They will almost 100% of the time return to feed the next morning where they fed the night before! We have farmers screaming for hunters in the SE part of the state. Geese are decimating bean crops. You should have no troubles finding land to hunt geese on. :thumb:


----------



## Duckslayer100 (Apr 7, 2004)

mymanimal said:


> We have farmers screaming for hunters in the SE part of the state. Geese are decimating bean crops. You should have no troubles finding land to hunt geese on. :thumb:


...considering the southeast gets piss pounded pretty hard (location of large metro areas being a major factor), don't plan on just walking out to a field and getting permission... the land access problem that has happened in other more "notable" areas of Nodak is just as prevalent here. It's all about doing your homework and putting on miles...


----------



## dropem32 (Aug 3, 2010)

Good luck with your time in ND. Have some fun, there is alot ND has to offer for game.
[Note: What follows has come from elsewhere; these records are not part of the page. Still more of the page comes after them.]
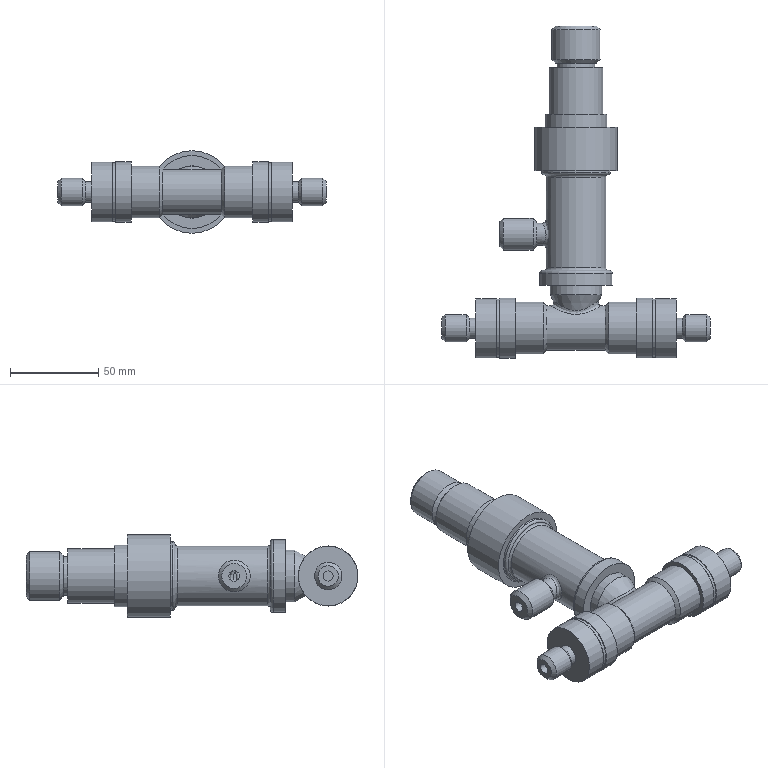Assembly | NX | mm | 17 component files | 17 solids | 192 faces | box 152 x 188.1 x 46.8 mm | volume 198339 mm3 | plane 85 | cylinder 66 | spline 22 | cone 15 | torus 4 | commonest cylinder face diameters 24 x4 16.6 x4 6 x3 29.4 x3 13 x3 17.4 x3 18 x3 33.8 x3
Bill of materials:
unnamed part 1 | 1 |  | Hollow cylindrical tube body with an enlarged collar at one end, a stepped larger-diameter band at the other end, and a short, smaller cylindrical side branch near the collar end; the side branch has a neck and a chamfered end.
unnamed part 2 | 1 |  | Tee-shaped hollow body: a straight cylindrical run with stepped, larger-diameter ends and a perpendicular branch that has a wider base section and a narrower cylindrical extension.
unnamed part 3 | 2 |  | Helical coil of round wire with open-pitch coils; at least one end coil appears flattened or ground to a flat ring face.
unnamed part 4 | 1 |  | Long helical coil of round wire with open pitch and flattened/closed end coils.
unnamed part 5 | 2 |  | Plain solid circular disc: a short cylinder with flat, parallel faces and no visible holes or features.
unnamed part 6 | 2 |  | Stepped axisymmetric body: a large cylinder, a wider flange-like collar, a narrow neck, and a smaller chamfered cylindrical tip with a small axial bore.
unnamed part 7 | 2 |  | Solid right circular cylinder (plug/slug shape) with flat ends and a length somewhat less than its diameter.
unnamed part 8 | 1 |  | Helical coil of round wire with open pitch and flat-faced end coils, similar in form to a compression spring.
unnamed part 9 | 2 |  | Thin flat annular ring (washer-like) with a large central hole and uniform rectangular cross-section.
unnamed part 10 | 1 |  | Short cylindrical disc/plug with chamfered edges on both faces and a hexagonal through-opening on the axis.
unnamed part 11 | 1 |  | Hollow cylindrical sleeve/tube with a round bore and plain cylindrical outer surface; length similar to diameter.
unnamed part 12 | 1 |  | Stepped axisymmetric body: a large hollow cup-like end, intermediate cylindrical steps, a narrow neck groove, and a smaller chamfered cylindrical tip with a small axial bore.
Mates:
1. fix | check_valve 1 component
2. concentric | valve_port 2 edge | washer 2 edge
3. concentric | washer 2 edge | check_valve 1 edge
4. concentric | valve_body 1 edge | check_valve 1 edge
5. concentric | spring_seat 1 edge | valve_body 1 edge
6. concentric | vent_valve 1 edge | valve_body 1 edge
7. touch align | adj_nut 1 face | vent_valve 1 face
8. distance | adj_nut 1 face | vent_valve 1 face
9. concentric | vent_spring 1 edge | spring_seat 1 edge
10. concentric | valve_port_filter 2 edge | valve_port 2 edge
11. concentric | valve_port_spring 2 edge | valve_port_filter 2 edge
12. concentric | washer 1 edge | check_valve 1 edge
13. concentric | valve_port 1 edge | washer 1 edge
14. concentric | valve_port_filter 1 edge | valve_port 1 edge
15. concentric | valve_port_spring 1 edge | valve_port_filter 1 edge
16. concentric | valve_body_filter 2 edge | check_valve 1 edge
17. concentric | valve_body_filter 1 edge | valve_body 1 edge
18. concentric | valve_body_spring 1 edge | valve_body_filter 2 edge

As for the non res and posted signs and what not...if the land is posted that means ASK, it doesnt mean NO, chances are that the farmer won't mind you going on the land as long as you don't rip up the fields. A gift is always appreciated too. If the farmer says "no" that doesn't always mean a bad thing. If he doesn't give you a reason it may be because he himself hunts or he has family that hunts and maybe they are going to that field. If you are polite and courteous you are more than likey going to get treated the same in return....and other times you will run into people who are just complete jackholes haha, ENJOY ND!!


----------



## powerhunter1710 (Jul 4, 2010)

When is the first weekend that duck opens for non residents is that October 3rd?


----------



## KEN W (Feb 22, 2002)

powerhunter1710 said:


> When is the first weekend that duck opens for non residents is that October 3rd?


Sat Oct 2nd.....


----------